Marie Tharp was an only child born on July 30, 1920, in Ypsilanti, Michigan. Tharp’s father, who worked for the U.S. Department of Agriculture, gave her an early introduction to map-making. She attended the University of Michigan for her master’s degree in petroleum geology—this was particularly impressive given so few women worked in science during this period. She moved to New York City in 1948 and became the first woman to work at the Lamont Geological Observatory where she met geologist Bruce Heezen.

Heezen gathered ocean-depth data in the Atlantic Ocean, which Tharp used to create maps of the mysterious ocean floor. New findings from echo sounders (sonars used to find water depth) helped her discover the Mid-Atlantic Ridge. Tharp suggested that the parallel valleys seen in the mapped terrain were evidence of active centers where the seafloor was spreading apart. She brought these findings to Heezen, who infamously dismissed this as “girl talk” and stating that it sounded like the "debunked" continental drift hypothesis as proposed by Alfred Wegener in 1912.

Tharp continued to work on various large-scale maps, showing that the mid-ocean ridges extended all the way around the planet. Painted by Heinrich C. Berann and based on the data compiled by Marie Tharp and Bruce Heezen, a series of five bathymetric maps were published in the October 1967 issue of the National Geographic magazine, popularizing early concepts of plate tectonics. By plotting the epicenters of earthquakes on the seafloor maps, Tharp was also able to show that the ridges are seismically active, giving further credit to her interpretation of the ridges as active spreading centers.

Tharp donated her entire map collection to the Library of Congress in 1995. On this day in 1998, the Library of Congress named her one of the most important cartographers in the 20th century. In 2001, the same observatory where she started her career awarded her with its first annual Lamont-Doherty Heritage Award.

Unlike Wegener who died in 1930, Marie Tharp lived long enough to see her research become a fundamental part of modern geology.

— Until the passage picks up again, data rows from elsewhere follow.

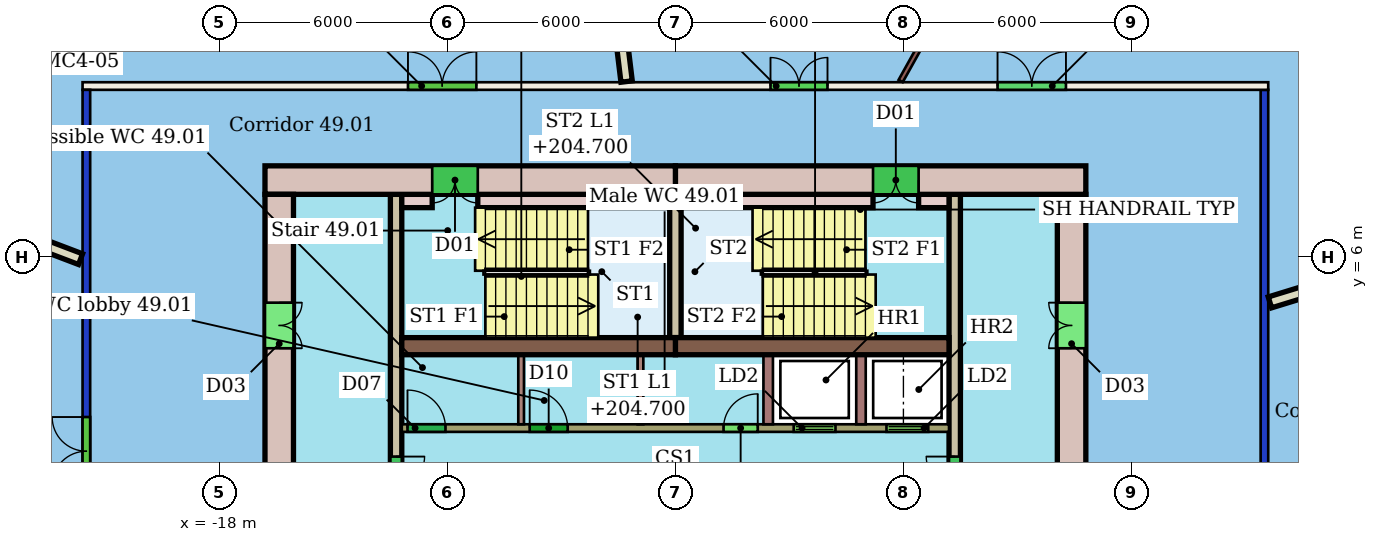
"""IFC4 building model, lengths in metres.
Left out: names, types, materials, properties, quantities, classifications, styles, units other than length and angle.
Written with IfcOpenShell. Run it as: python <this file> out.ifc"""

import sys

from ifc_helpers import new_model, si_unit, direction, frame, frame_2d, origin, place, context, subcontext, project, spatial, rectangle, extrude, element, fill, save


model = new_model("IFC4")
c1 = context("Model", 3, precision=1e-05, world=origin(), true_north=direction((0.0, 1.0)))
c2 = subcontext(c1, "Body", "Model", "MODEL_VIEW")
j1 = project(units=[si_unit("LENGTHUNIT", "METRE"), si_unit("PLANEANGLEUNIT", "RADIAN")], contexts=[c1])
p1 = place(None, origin())
s1 = spatial("IfcSite", under=j1, at=p1, CompositionType="ELEMENT")
p2 = place(p1, origin())
s2 = spatial("IfcBuilding", under=s1, at=p2, CompositionType="ELEMENT")
p3 = place(p2, frame((0.0, 0.0, 202.9)))
s3 = spatial("IfcBuildingStorey", under=s2, at=p3, CompositionType="ELEMENT", Elevation=202.9)
p4 = place(p3, frame((-21.5, -10.4, 0.0), z_axis=(0.0, 0.0, 1.0), x_axis=(0.0, 1.0, 0.0)))
e1 = element("IfcWall", 1, at=p4, inside=s3, PredefinedType="PARTITIONING", context=c2, shape_type="SweptSolid", body=[
    extrude(rectangle(XDim=20.8, YDim=0.2, at=frame_2d((10.4, 0.0))), origin(), (0.0, 0.0, 1.0), 3.05),
])
p5 = place(p4, frame((10.391, 0.0, 0.0)))
e2 = element("IfcOpeningElement", 2, at=p5, cuts=e1, PredefinedType="OPENING", context=c2, shape_type="SweptSolid", body=[
    extrude(rectangle(XDim=1.8, YDim=2.4, at=frame_2d((0.9, 1.2))), frame((0.0, 0.11, 0.0), z_axis=(0.0, -1.0, 0.0), x_axis=(1.0, 0.0, 0.0)), (0.0, 0.0, 1.0), 0.22),
])
p6 = place(p3, frame((-21.6, 10.5, 0.0), z_axis=(0.0, 0.0, 1.0), x_axis=(1.0, 0.0, 0.0)))
e3 = element("IfcWall", 3, at=p6, inside=s3, PredefinedType="PARTITIONING", context=c2, shape_type="SweptSolid", body=[
    extrude(rectangle(XDim=31.2, YDim=0.2, at=frame_2d((15.6, 0.0))), origin(), (0.0, 0.0, 1.0), 3.45),
])
p7 = place(p6, frame((18.102, 0.0, 0.0)))
e4 = element("IfcOpeningElement", 4, at=p7, cuts=e3, PredefinedType="OPENING", context=c2, shape_type="SweptSolid", body=[
    extrude(rectangle(XDim=1.5, YDim=2.1, at=frame_2d((0.75, 1.05))), frame((0.0, 0.11, 0.0), z_axis=(0.0, -1.0, 0.0), x_axis=(1.0, 0.0, 0.0)), (0.0, 0.0, 1.0), 0.22),
])
p8 = place(p6, frame((8.563, 0.0, 0.0)))
e5 = element("IfcOpeningElement", 5, at=p8, cuts=e3, PredefinedType="OPENING", context=c2, shape_type="SweptSolid", body=[
    extrude(rectangle(XDim=1.8, YDim=2.4, at=frame_2d((0.9, 1.2))), frame((0.0, 0.11, 0.0), z_axis=(0.0, -1.0, 0.0), x_axis=(1.0, 0.0, 0.0)), (0.0, 0.0, 1.0), 0.22),
])
p9 = place(p6, frame((24.077, 0.0, 0.0)))
e6 = element("IfcOpeningElement", 6, at=p9, cuts=e3, PredefinedType="OPENING", context=c2, shape_type="SweptSolid", body=[
    extrude(rectangle(XDim=1.8, YDim=2.1, at=frame_2d((0.9, 1.05))), frame((0.0, 0.11, 0.0), z_axis=(0.0, -1.0, 0.0), x_axis=(1.0, 0.0, 0.0)), (0.0, 0.0, 1.0), 0.22),
])
p10 = place(p3, frame((9.5, 10.4, 0.0), z_axis=(0.0, 0.0, 1.0), x_axis=(0.0, -1.0, 0.0)))
e7 = element("IfcWall", 7, at=p10, inside=s3, PredefinedType="PARTITIONING", context=c2, shape_type="SweptSolid", body=[
    extrude(rectangle(XDim=20.8, YDim=0.2, at=frame_2d((10.4, 0.0))), origin(), (0.0, 0.0, 1.0), 3.05),
])
p11 = place(p10, frame((9.885, 0.0, 0.0)))
e8 = element("IfcOpeningElement", 8, at=p11, cuts=e7, PredefinedType="OPENING", context=c2, shape_type="SweptSolid", body=[
    extrude(rectangle(XDim=1.8, YDim=2.4, at=frame_2d((0.9, 1.2))), frame((0.0, 0.11, 0.0), z_axis=(0.0, -1.0, 0.0), x_axis=(1.0, 0.0, 0.0)), (0.0, 0.0, 1.0), 0.22),
])
p12 = place(p3, frame((6.863, 23.071, 0.0), z_axis=(0.0, 0.0, 1.0), x_axis=(-0.486953657805, -0.873427807635, 0.0)))
e9 = element("IfcWall", 9, at=p12, inside=s3, PredefinedType="PARTITIONING", context=c2, shape_type="SweptSolid", body=[
    extrude(rectangle(XDim=14.243, YDim=0.125, at=frame_2d((7.122, 0.0))), origin(), (0.0, 0.0, 1.0), 3.45),
])
p13 = place(p3, frame((-8.816, 23.289, 0.0), z_axis=(0.0, 0.0, 1.0), x_axis=(0.120069156686, -0.992765530029, 0.0)))
e10 = element("IfcWall", 10, at=p13, inside=s3, PredefinedType="PARTITIONING", context=c2, shape_type="SweptSolid", body=[
    extrude(rectangle(XDim=12.763, YDim=0.3, at=frame_2d((6.382, 0.0))), origin(), (0.0, 0.0, 1.0), 3.45),
])
p14 = place(p3, frame((-27.419, 8.134, 0.0), z_axis=(0.0, 0.0, 1.0), x_axis=(0.934858486825, -0.355020576322, 0.0)))
e11 = element("IfcWall", 11, at=p14, inside=s3, PredefinedType="PARTITIONING", context=c2, shape_type="SweptSolid", body=[
    extrude(rectangle(XDim=6.167, YDim=0.3, at=frame_2d((3.083, 0.0))), origin(), (0.0, 0.0, 1.0), 3.45),
])
p15 = place(p3, frame((18.788, 7.617, 0.0), z_axis=(0.0, 0.0, 1.0), x_axis=(-0.955883790435, -0.293745092188, 0.0)))
e12 = element("IfcWall", 12, at=p15, inside=s3, PredefinedType="PARTITIONING", context=c2, shape_type="SweptSolid", body=[
    extrude(rectangle(XDim=9.566, YDim=0.3, at=frame_2d((4.783, 0.0))), origin(), (0.0, 0.0, 1.0), 3.45),
])
p16 = place(p3, frame((4.8, 8.025, 0.0), z_axis=(0.0, 0.0, 1.0), x_axis=(-1.0, 0.0, 0.0)))
e13 = element("IfcWall", 13, at=p16, inside=s3, PredefinedType="SHEAR", context=c2, shape_type="SweptSolid", body=[
    extrude(rectangle(XDim=10.8, YDim=0.75, at=frame_2d((5.4, 0.0))), origin(), (0.0, 0.0, 1.0), 3.3),
])
p17 = place(p16, frame((4.4, 0.0, 0.0)))
e14 = element("IfcOpeningElement", 14, at=p17, cuts=e13, PredefinedType="OPENING", context=c2, shape_type="SweptSolid", body=[
    extrude(rectangle(XDim=1.2, YDim=2.1, at=frame_2d((0.6, 1.05))), frame((0.0, 0.385, 0.0), z_axis=(0.0, -1.0, 0.0), x_axis=(1.0, 0.0, 0.0)), (0.0, 0.0, 1.0), 0.77),
])
p18 = place(p3, frame((-6.0, 8.025, 0.0), z_axis=(0.0, 0.0, 1.0), x_axis=(-1.0, 0.0, 0.0)))
e15 = element("IfcWall", 15, at=p18, inside=s3, PredefinedType="SHEAR", context=c2, shape_type="SweptSolid", body=[
    extrude(rectangle(XDim=10.8, YDim=0.75, at=frame_2d((5.4, 0.0))), origin(), (0.0, 0.0, 1.0), 3.3),
])
p19 = place(p18, frame((5.2, 0.0, 0.0)))
e16 = element("IfcOpeningElement", 16, at=p19, cuts=e15, PredefinedType="OPENING", context=c2, shape_type="SweptSolid", body=[
    extrude(rectangle(XDim=1.2, YDim=2.1, at=frame_2d((0.6, 1.05))), frame((0.0, 0.385, 0.0), z_axis=(0.0, -1.0, 0.0), x_axis=(1.0, 0.0, 0.0)), (0.0, 0.0, 1.0), 0.77),
])
p20 = place(p3, frame((-16.425, 7.65, 0.0), z_axis=(0.0, 0.0, 1.0), x_axis=(0.0, -1.0, 0.0)))
e17 = element("IfcWall", 17, at=p20, inside=s3, PredefinedType="SHEAR", context=c2, shape_type="SweptSolid", body=[
    extrude(rectangle(XDim=15.3, YDim=0.75, at=frame_2d((7.65, 0.0))), origin(), (0.0, 0.0, 1.0), 3.3),
])
p21 = place(p20, frame((11.25, 0.0, 0.0)))
e18 = element("IfcOpeningElement", 18, at=p21, cuts=e17, PredefinedType="OPENING", context=c2, shape_type="SweptSolid", body=[
    extrude(rectangle(XDim=1.2, YDim=2.1, at=frame_2d((0.6, 1.05))), frame((0.0, 0.385, 0.0), z_axis=(0.0, -1.0, 0.0), x_axis=(1.0, 0.0, 0.0)), (0.0, 0.0, 1.0), 0.77),
])
p22 = place(p20, frame((2.85, 0.0, 0.0)))
e19 = element("IfcOpeningElement", 19, at=p22, cuts=e17, PredefinedType="OPENING", context=c2, shape_type="SweptSolid", body=[
    extrude(rectangle(XDim=1.2, YDim=2.1, at=frame_2d((0.6, 1.05))), frame((0.0, 0.385, 0.0), z_axis=(0.0, -1.0, 0.0), x_axis=(1.0, 0.0, 0.0)), (0.0, 0.0, 1.0), 0.77),
])
p23 = place(p3, frame((4.425, -7.65, 0.0), z_axis=(0.0, 0.0, 1.0), x_axis=(0.0, 1.0, 0.0)))
e20 = element("IfcWall", 20, at=p23, inside=s3, PredefinedType="SHEAR", context=c2, shape_type="SweptSolid", body=[
    extrude(rectangle(XDim=15.3, YDim=0.75, at=frame_2d((7.65, 0.0))), origin(), (0.0, 0.0, 1.0), 3.3),
])
p24 = place(p23, frame((2.85, 0.0, 0.0)))
e21 = element("IfcOpeningElement", 21, at=p24, cuts=e20, PredefinedType="OPENING", context=c2, shape_type="SweptSolid", body=[
    extrude(rectangle(XDim=1.2, YDim=2.1, at=frame_2d((0.6, 1.05))), frame((0.0, 0.385, 0.0), z_axis=(0.0, -1.0, 0.0), x_axis=(1.0, 0.0, 0.0)), (0.0, 0.0, 1.0), 0.77),
])
p25 = place(p23, frame((11.25, 0.0, 0.0)))
e22 = element("IfcOpeningElement", 22, at=p25, cuts=e20, PredefinedType="OPENING", context=c2, shape_type="SweptSolid", body=[
    extrude(rectangle(XDim=1.2, YDim=2.1, at=frame_2d((0.6, 1.05))), frame((0.0, 0.385, 0.0), z_axis=(0.0, -1.0, 0.0), x_axis=(1.0, 0.0, 0.0)), (0.0, 0.0, 1.0), 0.77),
])
for number, where, z_axis, x_axis in (
    (23, (-13.2, 3.655, 0.0), (0.0, 0.0, 1.0), (1.0, 0.0, 0.0)),
    (24, (-6.0, 3.655, 0.0), (0.0, 0.0, 1.0), (1.0, 0.0, 0.0)),
):
    element("IfcWall", number, at=place(p3, frame(where, z_axis=z_axis, x_axis=x_axis)), inside=s3, PredefinedType="SHEAR", context=c2, shape_type="SweptSolid", body=[
        extrude(rectangle(XDim=7.2, YDim=0.45, at=frame_2d((3.6, 0.0))), origin(), (0.0, 0.0, 1.0), 3.3),
    ])
p26 = place(p3, frame((-13.35, 7.65, 0.0), z_axis=(0.0, 0.0, 1.0), x_axis=(0.0, -1.0, 0.0)))
e25 = element("IfcWall", 25, at=p26, inside=s3, PredefinedType="SHEAR", context=c2, shape_type="SweptSolid", body=[
    extrude(rectangle(XDim=15.3, YDim=0.3, at=frame_2d((7.65, 0.0))), origin(), (0.0, 0.0, 1.0), 3.3),
])
p27 = place(p26, frame((6.9, 0.0, 0.0)))
e26 = element("IfcOpeningElement", 26, at=p27, cuts=e25, PredefinedType="OPENING", context=c2, shape_type="SweptSolid", body=[
    extrude(rectangle(XDim=1.5, YDim=2.1, at=frame_2d((0.75, 1.05))), frame((0.0, 0.16, 0.0), z_axis=(0.0, -1.0, 0.0), x_axis=(1.0, 0.0, 0.0)), (0.0, 0.0, 1.0), 0.32),
])
p28 = place(p3, frame((1.35, -7.65, 0.0), z_axis=(0.0, 0.0, 1.0), x_axis=(0.0, 1.0, 0.0)))
e27 = element("IfcWall", 27, at=p28, inside=s3, PredefinedType="SHEAR", context=c2, shape_type="SweptSolid", body=[
    extrude(rectangle(XDim=15.3, YDim=0.3, at=frame_2d((7.65, 0.0))), origin(), (0.0, 0.0, 1.0), 3.3),
])
p29 = place(p28, frame((1.56, 0.0, 0.0)))
e28 = element("IfcOpeningElement", 28, at=p29, cuts=e27, PredefinedType="OPENING", context=c2, shape_type="SweptSolid", body=[
    extrude(rectangle(XDim=1.0, YDim=2.1, at=frame_2d((0.5, 1.05))), frame((0.0, 0.16, 0.0), z_axis=(0.0, -1.0, 0.0), x_axis=(1.0, 0.0, 0.0)), (0.0, 0.0, 1.0), 0.32),
])
p30 = place(p28, frame((6.9, 0.0, 0.0)))
e29 = element("IfcOpeningElement", 29, at=p30, cuts=e27, PredefinedType="OPENING", context=c2, shape_type="SweptSolid", body=[
    extrude(rectangle(XDim=1.5, YDim=2.1, at=frame_2d((0.75, 1.05))), frame((0.0, 0.16, 0.0), z_axis=(0.0, -1.0, 0.0), x_axis=(1.0, 0.0, 0.0)), (0.0, 0.0, 1.0), 0.32),
])
p31 = place(p3, frame((-13.2, 1.5, 0.0), z_axis=(0.0, 0.0, 1.0), x_axis=(1.0, 0.0, 0.0)))
e30 = element("IfcWall", 30, at=p31, inside=s3, PredefinedType="SHEAR", context=c2, shape_type="SweptSolid", body=[
    extrude(rectangle(XDim=14.4, YDim=0.2, at=frame_2d((7.2, 0.0))), origin(), (0.0, 0.0, 1.0), 3.3),
])
p32 = place(p31, frame((10.312, 0.0, 0.0)))
e31 = element("IfcOpeningElement", 31, at=p32, cuts=e30, PredefinedType="OPENING", context=c2, shape_type="SweptSolid", body=[
    extrude(rectangle(XDim=1.1, YDim=2.1, at=frame_2d((0.55, 1.05))), frame((0.0, 0.11, 0.0), z_axis=(0.0, -1.0, 0.0), x_axis=(1.0, 0.0, 0.0)), (0.0, 0.0, 1.0), 0.22),
])
p33 = place(p31, frame((12.754, 0.0, 0.0)))
e32 = element("IfcOpeningElement", 32, at=p33, cuts=e30, PredefinedType="OPENING", context=c2, shape_type="SweptSolid", body=[
    extrude(rectangle(XDim=1.1, YDim=2.1, at=frame_2d((0.55, 1.05))), frame((0.0, 0.11, 0.0), z_axis=(0.0, -1.0, 0.0), x_axis=(1.0, 0.0, 0.0)), (0.0, 0.0, 1.0), 0.22),
])
p34 = place(p31, frame((0.15, 0.0, 0.0)))
e33 = element("IfcOpeningElement", 33, at=p34, cuts=e30, PredefinedType="OPENING", context=c2, shape_type="SweptSolid", body=[
    extrude(rectangle(XDim=1.0, YDim=2.1, at=frame_2d((0.5, 1.05))), frame((0.0, 0.11, 0.0), z_axis=(0.0, -1.0, 0.0), x_axis=(1.0, 0.0, 0.0)), (0.0, 0.0, 1.0), 0.22),
])
p35 = place(p31, frame((3.365, 0.0, 0.0)))
e34 = element("IfcOpeningElement", 34, at=p35, cuts=e30, PredefinedType="OPENING", context=c2, shape_type="SweptSolid", body=[
    extrude(rectangle(XDim=1.0, YDim=2.1, at=frame_2d((0.5, 1.05))), frame((0.0, 0.11, 0.0), z_axis=(0.0, -1.0, 0.0), x_axis=(1.0, 0.0, 0.0)), (0.0, 0.0, 1.0), 0.22),
])
p36 = place(p31, frame((8.467, 0.0, 0.0)))
e35 = element("IfcOpeningElement", 35, at=p36, cuts=e30, PredefinedType="OPENING", context=c2, shape_type="SweptSolid", body=[
    extrude(rectangle(XDim=0.9, YDim=2.1, at=frame_2d((0.45, 1.05))), frame((0.0, 0.11, 0.0), z_axis=(0.0, -1.0, 0.0), x_axis=(1.0, 0.0, 0.0)), (0.0, 0.0, 1.0), 0.22),
])
p37 = place(p3, frame((-6.0, 3.88, 0.0), z_axis=(0.0, 0.0, 1.0), x_axis=(0.0, 1.0, 0.0)))
e36 = element("IfcWall", 36, at=p37, inside=s3, PredefinedType="SHEAR", context=c2, shape_type="SweptSolid", body=[
    extrude(rectangle(XDim=3.77, YDim=0.3, at=frame_2d((1.885, 0.0))), origin(), (0.0, 0.0, 1.0), 3.3),
])
p38 = place(p3, frame((-13.2, 7.475, 0.0), z_axis=(0.0, 0.0, 1.0), x_axis=(1.0, 0.0, 0.0)))
e37 = element("IfcWall", 37, at=p38, inside=s3, PredefinedType="SHEAR", context=c2, shape_type="SweptSolid", body=[
    extrude(rectangle(XDim=0.8, YDim=0.35, at=frame_2d((0.4, 0.0))), origin(), (0.0, 0.0, 1.0), 3.3),
])
for number, where, z_axis, x_axis in (
    (38, (-11.2, 7.475, 0.0), (0.0, 0.0, 1.0), (1.0, 0.0, 0.0)),
    (39, (-5.85, 7.475, 0.0), (0.0, 0.0, 1.0), (1.0, 0.0, 0.0)),
):
    element("IfcWall", number, at=place(p3, frame(where, z_axis=z_axis, x_axis=x_axis)), inside=s3, PredefinedType="SHEAR", context=c2, shape_type="SweptSolid", body=[
        extrude(rectangle(XDim=5.05, YDim=0.35, at=frame_2d((2.525, 0.0))), origin(), (0.0, 0.0, 1.0), 3.3),
    ])
p39 = place(p3, frame((0.4, 7.475, 0.0), z_axis=(0.0, 0.0, 1.0), x_axis=(1.0, 0.0, 0.0)))
e40 = element("IfcWall", 40, at=p39, inside=s3, PredefinedType="SHEAR", context=c2, shape_type="SweptSolid", body=[
    extrude(rectangle(XDim=0.8, YDim=0.35, at=frame_2d((0.4, 0.0))), origin(), (0.0, 0.0, 1.0), 3.3),
])
for number, where, z_axis, x_axis in (
    (41, (-3.558, 1.6, 0.0), (0.0, 0.0, 1.0), (0.0, 1.0, 0.0)),
    (42, (-1.117, 1.6, 0.0), (0.0, 0.0, 1.0), (0.0, 1.0, 0.0)),
):
    element("IfcWall", number, at=place(p3, frame(where, z_axis=z_axis, x_axis=x_axis)), inside=s3, PredefinedType="SHEAR", context=c2, shape_type="SweptSolid", body=[
        extrude(rectangle(XDim=1.83, YDim=0.25, at=frame_2d((0.915, 0.0))), origin(), (0.0, 0.0, 1.0), 3.3),
    ])
for number, where, z_axis, x_axis in (
    (43, (-10.06, 1.6, 0.0), (0.0, 0.0, 1.0), (0.0, 1.0, 0.0)),
    (44, (-6.919, 1.6, 0.0), (0.0, 0.0, 1.0), (0.0, 1.0, 0.0)),
):
    element("IfcWall", number, at=place(p3, frame(where, z_axis=z_axis, x_axis=x_axis)), inside=s3, PredefinedType="PARTITIONING", context=c2, shape_type="SweptSolid", body=[
        extrude(rectangle(XDim=1.83, YDim=0.15, at=frame_2d((0.915, 0.0))), origin(), (0.0, 0.0, 1.0), 3.3),
    ])
p40 = place(p7, origin())
e45 = element("IfcDoor", 45, at=p40, inside=s3, OperationType="DOUBLE_DOOR_SINGLE_SWING", PredefinedType="DOOR", context=c2, shape_type="SweptSolid", body=[
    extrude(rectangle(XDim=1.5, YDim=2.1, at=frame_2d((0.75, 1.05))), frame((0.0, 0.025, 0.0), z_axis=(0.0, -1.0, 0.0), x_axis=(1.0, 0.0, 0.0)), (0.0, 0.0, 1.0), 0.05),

"Not too many people can say this about their lives: The whole world was spread out before me (or at least, the 70 percent of it covered by oceans). I had a blank canvas to fill with extraordinary possibilities, a fascinating jigsaw puzzle to piece together: mapping the world’s vast hidden seafloor. It was a once-in-a-lifetime—a once-in-the-history-of-the-world—opportunity for anyone, but especially for a woman in the 1940s. The nature of the times, the state of the science, and events large and small, logical and illogical, combined to make it all happen."